The microsatellite data depicted weaker population differentiation between populations in some of the pair-wise comparisons both within and between regions. However, our data set was able to detect overall population subdivision between populations in the three regions sampled. Lack of strict concordance between nuclear and mitochondrial based genetic structures have frequently been observed in a number of studies (eg, Ferguson et al, 1991; Palumbi and Baker, 1994; Simonsen et al, 1998; Nyakaana and Arctander, 1999). Several explanations have been put forward to account for such observations. For example, the maternal inheritance of mtDNA loci increases their sensitivity to detect population structure. Such a mode of inheritance decreases its effective population size four times relative to that of the nuclear markers, thereby leading to faster genetic drift for the haploid and maternally inherited alleles (Wilson et al, 1985).
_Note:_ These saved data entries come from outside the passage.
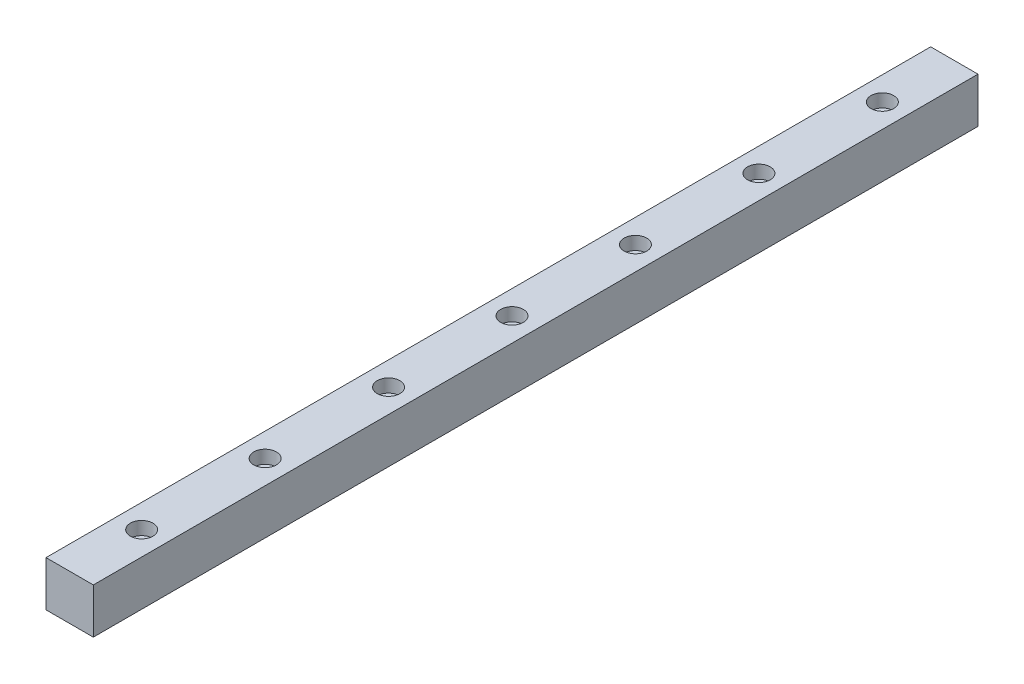
from build123d import *

# Parameters (mm, degrees)
SKETCH_1_W                   = 23
SKETCH_1_H                   = 22
EXTRUDE_1_DEPTH              = 430
HOLE_WIZARD_M6_1_D           = 6.6
HOLE_WIZARD_M6_1_CBORE_D     = 11
HOLE_WIZARD_M6_1_CBORE_DEPTH = 6.4
PATTERN_LINEAR_1_COUNT       = 7
PATTERN_LINEAR_1_PITCH       = 60


with BuildPart() as part:
    # 草图1 → 凸台-拉伸1 (new body)
    with BuildSketch(Plane.XY):
        with Locations((11.5, 11)):
            Rectangle(SKETCH_1_W, SKETCH_1_H)
    extrude(amount=EXTRUDE_1_DEPTH)

    # M6 六角凹头螺钉的柱形沉头孔1 (through all)
    with Locations(Plane(origin=(0, 22, 0), x_dir=(1, 0, 0), z_dir=(0, 1, 0))):
        with Locations((11.5, -395)):
            hole_wizard_m6_1 = CounterBoreHole(HOLE_WIZARD_M6_1_D / 2, HOLE_WIZARD_M6_1_CBORE_D / 2, HOLE_WIZARD_M6_1_CBORE_DEPTH)

    # 阵列(线性)1: M6 六角凹头螺钉的柱形沉头孔1 ×7
    with Locations(*[(0, 0, -i * PATTERN_LINEAR_1_PITCH) for i in range(1, PATTERN_LINEAR_1_COUNT)]):
        add(hole_wizard_m6_1, mode=Mode.SUBTRACT)


solid = part.part

In addition, the matrilineal elephant social structure is characterised by female natal philopatry favouring male-biased gene flow (see Nyakaana and Arctander, 1999), which is usually manifested as a reduction in the level of genetic differentiation at nuclear loci. Depending on the extent of separation between populations, homoplasy resulting from saturation of mutations at some of the loci can also lead to an underestimation of the extent of genetic differentiation between populations. The number of loci used in this study was relatively small; hence low subdivision indices may also be a reflection of the limited ability of our nuclear markers to detect fine scale differences between closely related populations. Future work involving use of additional recently isolated microsatellite loci (eg, Eggert, 2000) might greatly improve the resolution of the extent of genetic differentiation of these populations.

Conclusions

Our results from both mtDNA and nuclear loci clearly show significant levels of genetic subdivision between the elephant populations analysed in this study. In spite of the limited sampling carried out in the western African region, our results nevertheless clearly indicate that the savannah elephants have regionally differentiated groups that deserve to be protected as such (see Table 2). It is important that if an integrated conservation and management plan is to be designed, this observed significant genetic isolation between regional elephant groups should be taken into account, especially when decisions regarding reintroduction and/or translocations are to be considered. This would ensure the preservation of the genetic diversity and distinctiveness present in these populations of elephants.